Accord tripartite sur la crise en Libye

Face à une crise libyenne qui s’enlise depuis plus d’une décennie, l’Algérie, l’Égypte et la Tunisie réaffirment leur engagement en faveur d’une solution politique. Réunis dans le cadre du mécanisme tripartite des pays voisins de la Libye, les trois États ont renouvelé leur soutien au dialogue inter-libyen tout en renforçant leur coordination diplomatique et économique. Les détails dans ce reportage. 

Dans le cadre du mécanisme tripartite des pays voisins de la Libye, l’Algérie, l’Égypte et la Tunisie ont réitéré leur volonté commune de coordonner leurs actions pour soutenir le processus de résolution de la crise libyenne. Lors de cette rencontre, les chefs de la diplomatie des trois nations ont mis en exergue l’impératif de sauvegarder la stabilité, la souveraineté ainsi que l’intégrité territoriale de la Libye. Ils ont, par ailleurs, insisté sur la primauté du dialogue inter-libyen comme unique voie vers une issue politique pérenne.
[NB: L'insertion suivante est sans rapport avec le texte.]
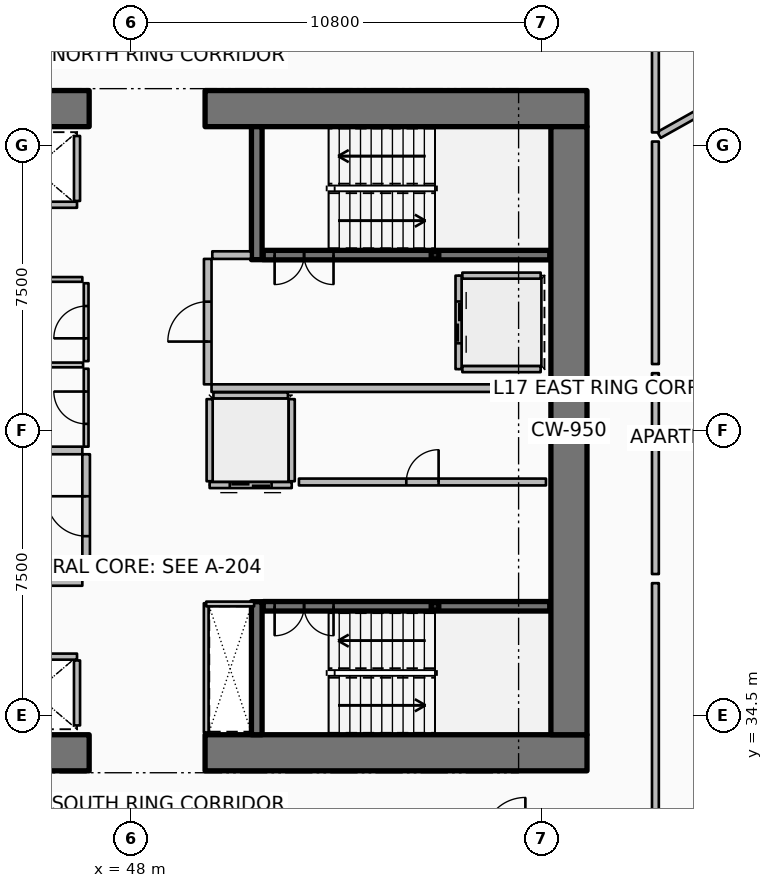
"""IFC4 building model, lengths in metres.
Left out: names, types, materials, properties, quantities, classifications, styles, units other than length and angle.
Written with IfcOpenShell. Run it as: python <this file> out.ifc"""

import sys

from ifc_helpers import new_model, si_unit, direction, frame, frame_2d, origin, origin_2d, place, context, subcontext, project, spatial, rectangle, hollow_rectangle, extrude, element, fill, save


model = new_model("IFC4")
c1 = context("Model", 3, precision=1e-05, world=origin(), true_north=direction((0.0, 1.0)))
c2 = subcontext(c1, "Body", "Model", "MODEL_VIEW")
j1 = project(units=[si_unit("LENGTHUNIT", "METRE"), si_unit("PLANEANGLEUNIT", "RADIAN")], contexts=[c1])
p1 = place(None, origin())
s1 = spatial("IfcSite", under=j1, at=p1, CompositionType="ELEMENT")
p2 = place(p1, origin())
s2 = spatial("IfcBuilding", under=s1, at=p2, CompositionType="ELEMENT")
p3 = place(p2, frame((0.0, 0.0, 71.4)))
s3 = spatial("IfcBuildingStorey", under=s2, at=p3, CompositionType="ELEMENT", Elevation=71.4)
p4 = place(p3, frame((36.85, 33.525, 0.0), z_axis=(0.0, 0.0, 1.0), x_axis=(1.0, 0.0, 0.0)))
e1 = element("IfcWall", 1, at=p4, inside=s3, PredefinedType="SHEAR", context=c2, shape_type="SweptSolid", body=[
    extrude(rectangle(XDim=10.05, YDim=0.95, at=frame_2d((5.025, 0.0))), origin(), (0.0, 0.0, 1.0), 3.75),
])
p5 = place(p3, frame((49.95, 33.525, 0.0), z_axis=(0.0, 0.0, 1.0), x_axis=(1.0, 0.0, 0.0)))
e2 = element("IfcWall", 2, at=p5, inside=s3, PredefinedType="SHEAR", context=c2, shape_type="SweptSolid", body=[
    extrude(rectangle(XDim=10.05, YDim=0.95, at=frame_2d((5.025, 0.0))), origin(), (0.0, 0.0, 1.0), 3.75),
])
p6 = place(p3, frame((36.85, 50.475, 0.0), z_axis=(0.0, 0.0, 1.0), x_axis=(1.0, 0.0, 0.0)))
e3 = element("IfcWall", 3, at=p6, inside=s3, PredefinedType="SHEAR", context=c2, shape_type="SweptSolid", body=[
    extrude(rectangle(XDim=10.05, YDim=0.95, at=frame_2d((5.025, 0.0))), origin(), (0.0, 0.0, 1.0), 3.75),
])
p7 = place(p3, frame((49.95, 50.475, 0.0), z_axis=(0.0, 0.0, 1.0), x_axis=(1.0, 0.0, 0.0)))
e4 = element("IfcWall", 4, at=p7, inside=s3, PredefinedType="SHEAR", context=c2, shape_type="SweptSolid", body=[
    extrude(rectangle(XDim=10.05, YDim=0.95, at=frame_2d((5.025, 0.0))), origin(), (0.0, 0.0, 1.0), 3.75),
])
p8 = place(p3, frame((59.525, 34.0, 0.0), z_axis=(0.0, 0.0, 1.0), x_axis=(0.0, 1.0, 0.0)))
e5 = element("IfcWall", 5, at=p8, inside=s3, PredefinedType="SHEAR", context=c2, shape_type="SweptSolid", body=[
    extrude(rectangle(XDim=16.0, YDim=0.95, at=frame_2d((8.0, 0.0))), origin(), (0.0, 0.0, 1.0), 3.75),
])
for number, where, z_axis, x_axis in (
    (6, (51.31, 46.5, 0.0), (0.0, 0.0, 1.0), (0.0, 1.0, 0.0)),
    (7, (51.31, 34.0, 0.0), (0.0, 0.0, 1.0), (0.0, 1.0, 0.0)),
):
    element("IfcWall", number, at=place(p3, frame(where, z_axis=z_axis, x_axis=x_axis)), inside=s3, PredefinedType="SHEAR", context=c2, shape_type="SweptSolid", body=[
        extrude(rectangle(XDim=3.5, YDim=0.28, at=frame_2d((1.75, 0.0))), origin(), (0.0, 0.0, 1.0), 3.75),
    ])
for number, where, z_axis, x_axis in (
    (8, (56.0, 46.62, 0.0), (0.0, 0.0, 1.0), (1.0, 0.0, 0.0)),
    (9, (56.0, 37.38, 0.0), (0.0, 0.0, 1.0), (1.0, 0.0, 0.0)),
):
    element("IfcColumn", number, at=place(p3, frame(where, z_axis=z_axis, x_axis=x_axis)), inside=s3, PredefinedType="COLUMN", context=c2, shape_type="SweptSolid", body=[
        extrude(hollow_rectangle(XDim=0.2, YDim=0.2, WallThickness=0.01, InnerFilletRadius=0.01, OuterFilletRadius=0.02, at=origin_2d()), origin(), (0.0, 0.0, 1.0), 1.67),
    ])
p9 = place(p3, frame((51.48, 46.62, 0.0), z_axis=(0.0, 0.0, 1.0), x_axis=(1.0, 0.0, 0.0)))
e10 = element("IfcWall", 10, at=p9, inside=s3, PredefinedType="SOLIDWALL", context=c2, shape_type="SweptSolid", body=[
    extrude(rectangle(XDim=7.54, YDim=0.25, at=frame_2d((3.77, 0.0))), origin(), (0.0, 0.0, 1.0), 3.35),
])
p10 = place(p9, frame((0.3, 0.0, 0.0)))
e11 = element("IfcOpeningElement", 11, at=p10, cuts=e10, PredefinedType="OPENING", context=c2, shape_type="SweptSolid", body=[
    extrude(rectangle(XDim=1.55, YDim=2.15, at=frame_2d((0.775, 1.075))), frame((0.0, 0.135, 0.0), z_axis=(0.0, -1.0, 0.0), x_axis=(1.0, 0.0, 0.0)), (0.0, 0.0, 1.0), 0.27),
])
p11 = place(p3, frame((51.48, 37.38, 0.0), z_axis=(0.0, 0.0, 1.0), x_axis=(1.0, 0.0, 0.0)))
e12 = element("IfcWall", 12, at=p11, inside=s3, PredefinedType="SOLIDWALL", context=c2, shape_type="SweptSolid", body=[
    extrude(rectangle(XDim=7.54, YDim=0.25, at=frame_2d((3.77, 0.0))), origin(), (0.0, 0.0, 1.0), 3.35),
])
p12 = place(p11, frame((0.3, 0.0, 0.0)))
e13 = element("IfcOpeningElement", 13, at=p12, cuts=e12, PredefinedType="OPENING", context=c2, shape_type="SweptSolid", body=[
    extrude(rectangle(XDim=1.55, YDim=2.15, at=frame_2d((0.775, 1.075))), frame((0.0, 0.135, 0.0), z_axis=(0.0, -1.0, 0.0), x_axis=(1.0, 0.0, 0.0)), (0.0, 0.0, 1.0), 0.27),
])
p13 = place(p3, frame((46.58, 47.945, 0.0), z_axis=(0.0, 0.0, 1.0), x_axis=(-1.0, 0.0, 0.0)))
e14 = element("IfcWall", 14, at=p13, inside=s3, PredefinedType="PARTITIONING", context=c2, shape_type="SweptSolid", body=[
    extrude(rectangle(XDim=2.26, YDim=0.16, at=frame_2d((1.13, 0.0))), origin(), (0.0, 0.0, 1.0), 3.35),
])
p14 = place(p3, frame((46.58, 48.045, 0.0), z_axis=(0.0, 0.0, 1.0), x_axis=(0.0, 1.0, 0.0)))
e15 = element("IfcWall", 15, at=p14, inside=s3, PredefinedType="PARTITIONING", context=c2, shape_type="SweptSolid", body=[
    extrude(rectangle(XDim=1.71, YDim=0.16, at=frame_2d((0.855, 0.0))), origin(), (0.0, 0.0, 1.0), 3.35),
])
p15 = place(p3, frame((44.32, 36.055, 0.0), z_axis=(0.0, 0.0, 1.0), x_axis=(1.0, 0.0, 0.0)))
e16 = element("IfcWall", 16, at=p15, inside=s3, PredefinedType="PARTITIONING", context=c2, shape_type="SweptSolid", body=[
    extrude(rectangle(XDim=2.26, YDim=0.16, at=frame_2d((1.13, 0.0))), origin(), (0.0, 0.0, 1.0), 3.35),
])
p16 = place(p3, frame((46.58, 34.245, 0.0), z_axis=(0.0, 0.0, 1.0), x_axis=(0.0, 1.0, 0.0)))
e17 = element("IfcWall", 17, at=p16, inside=s3, PredefinedType="PARTITIONING", context=c2, shape_type="SweptSolid", body=[
    extrude(rectangle(XDim=1.71, YDim=0.16, at=frame_2d((0.855, 0.0))), origin(), (0.0, 0.0, 1.0), 3.35),
])
p17 = place(p3, frame((56.62, 46.08, 0.0), z_axis=(0.0, 0.0, 1.0), x_axis=(0.0, -1.0, 0.0)))
e18 = element("IfcWall", 18, at=p17, inside=s3, PredefinedType="PARTITIONING", context=c2, shape_type="SweptSolid", body=[
    extrude(rectangle(XDim=2.46, YDim=0.16, at=frame_2d((1.23, 0.0))), origin(), (0.0, 0.0, 1.0), 3.35),
])
p18 = place(p17, frame((0.68, 0.0, 0.0)))
e19 = element("IfcOpeningElement", 19, at=p18, cuts=e18, PredefinedType="OPENING", context=c2, shape_type="SweptSolid", body=[
    extrude(rectangle(XDim=1.1, YDim=2.1, at=frame_2d((0.55, 1.05))), frame((0.0, 0.09, 0.0), z_axis=(0.0, -1.0, 0.0), x_axis=(1.0, 0.0, 0.0)), (0.0, 0.0, 1.0), 0.18),
])
for number, where, z_axis, x_axis in (
    (20, (56.72, 46.08, 0.0), (0.0, 0.0, 1.0), (1.0, 0.0, 0.0)),
    (21, (56.72, 43.62, 0.0), (0.0, 0.0, 1.0), (1.0, 0.0, 0.0)),
):
    element("IfcWall", number, at=place(p3, frame(where, z_axis=z_axis, x_axis=x_axis)), inside=s3, PredefinedType="PARTITIONING", context=c2, shape_type="SweptSolid", body=[
        extrude(rectangle(XDim=2.06, YDim=0.16, at=frame_2d((1.03, 0.0))), origin(), (0.0, 0.0, 1.0), 3.35),
    ])
p19 = place(p3, frame((52.23, 40.57, 0.0), z_axis=(0.0, 0.0, 1.0), x_axis=(-1.0, 0.0, 0.0)))
e22 = element("IfcWall", 22, at=p19, inside=s3, PredefinedType="PARTITIONING", context=c2, shape_type="SweptSolid", body=[
    extrude(rectangle(XDim=2.16, YDim=0.16, at=frame_2d((1.08, 0.0))), origin(), (0.0, 0.0, 1.0), 3.35),
])
p20 = place(p19, frame((0.53, 0.0, 0.0)))
e23 = element("IfcOpeningElement", 23, at=p20, cuts=e22, PredefinedType="OPENING", context=c2, shape_type="SweptSolid", body=[
    extrude(rectangle(XDim=1.1, YDim=2.1, at=frame_2d((0.55, 1.05))), frame((0.0, 0.09, 0.0), z_axis=(0.0, -1.0, 0.0), x_axis=(1.0, 0.0, 0.0)), (0.0, 0.0, 1.0), 0.18),
])
for number, where, z_axis, x_axis in (
    (24, (52.23, 40.67, 0.0), (0.0, 0.0, 1.0), (0.0, 1.0, 0.0)),
    (25, (50.07, 40.67, 0.0), (0.0, 0.0, 1.0), (0.0, 1.0, 0.0)),
):
    element("IfcWall", number, at=place(p3, frame(where, z_axis=z_axis, x_axis=x_axis)), inside=s3, PredefinedType="PARTITIONING", context=c2, shape_type="SweptSolid", body=[
        extrude(rectangle(XDim=2.16, YDim=0.16, at=frame_2d((1.08, 0.0))), origin(), (0.0, 0.0, 1.0), 3.35),
    ])
p21 = place(p3, frame((50.17, 42.93, 0.0), z_axis=(0.0, 0.0, 1.0), x_axis=(1.0, 0.0, 0.0)))
e26 = element("IfcWall", 26, at=p21, inside=s3, PredefinedType="PARTITIONING", context=c2, shape_type="SweptSolid", body=[
    extrude(rectangle(XDim=1.96, YDim=0.16, at=frame_2d((0.98, 0.0))), origin(), (0.0, 0.0, 1.0), 3.35),
])
p22 = place(p3, frame((52.42, 40.65, 0.0), z_axis=(0.0, 0.0, 1.0), x_axis=(1.0, 0.0, 0.0)))
e27 = element("IfcWall", 27, at=p22, inside=s3, PredefinedType="PARTITIONING", context=c2, shape_type="SweptSolid", body=[
    extrude(rectangle(XDim=6.5, YDim=0.18, at=frame_2d((3.25, 0.0))), origin(), (0.0, 0.0, 1.0), 3.35),
])
p23 = place(p22, frame((2.825, 0.0, 0.0)))
e28 = element("IfcOpeningElement", 28, at=p23, cuts=e27, PredefinedType="OPENING", context=c2, shape_type="SweptSolid", body=[
    extrude(rectangle(XDim=0.85, YDim=2.06, at=frame_2d((0.425, 1.03))), frame((0.0, 0.1, 0.0), z_axis=(0.0, -1.0, 0.0), x_axis=(1.0, 0.0, 0.0)), (0.0, 0.0, 1.0), 0.2),
])
p24 = place(p3, frame((41.35, 38.02, 0.0), z_axis=(0.0, 0.0, 1.0), x_axis=(1.0, 0.0, 0.0)))
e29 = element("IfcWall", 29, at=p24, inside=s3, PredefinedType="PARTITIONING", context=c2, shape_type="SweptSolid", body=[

La configuration des intervenants s’articule d’abord autour des forces locales, à savoir les gouvernements de Tripoli et de Benghazi. On identifie ensuite les acteurs régionaux, notamment la Tunisie, l’Algérie et l’Égypte. Cette influence s’étend également à des puissances sous-régionales comme la Turquie, les Émirats arabes unis et le Qatar. Enfin, à une échelle plus globale, interviennent les puissances occidentales, dont l’implication lors de l’assassinat du colonel Mouammar Kadhafi a conduit à la désagrégation de la Libye.

KERWIN MAYIZO, Analyste politique

Persistant depuis 2011, l’instabilité en Libye dure depuis 15 ans. Les trois pays soutiennent la Commission militaire conjointe « 5+5 », incluant 10 représentants libyens pour maintenir le cessez-le-feu. En parallèle, l’Égypte et l’Algérie renforcent leur partenariat économique, visant à quintupler leurs échanges, de 1 milliard à 5 milliards de dollars. Cet élan concrétise les accords de la 9e session de leur Haute Commission mixte.

Une solution partielle sera inefficace sans identifier les causes réelles : le pétrole, les enjeux maritimes et la guerre. Il faut permettre l’exportation pétrolière pour inciter les acteurs au dialogue, stabiliser la Libye et rétablir une gouvernance unifiée exportant légalement sous une autorité légitime.

KERWIN MAYIZO, Analyste politique

En marge de la 165e session de la Ligue arabe tenue à Amman, les ministres Ahmed Attaf et Badr Abdelatty ont abordé le dossier palestinien, parallèlement aux discussions sur la Libye. À cette occasion, ils ont réitéré leur volonté de maintenir une concertation politique étroite. Les deux diplomates ont également mis l’accent sur la nécessité d’intensifier les échanges commerciaux et économiques, afin d’asseoir durablement le partenariat stratégique liant l’Egypte et L’Algérie.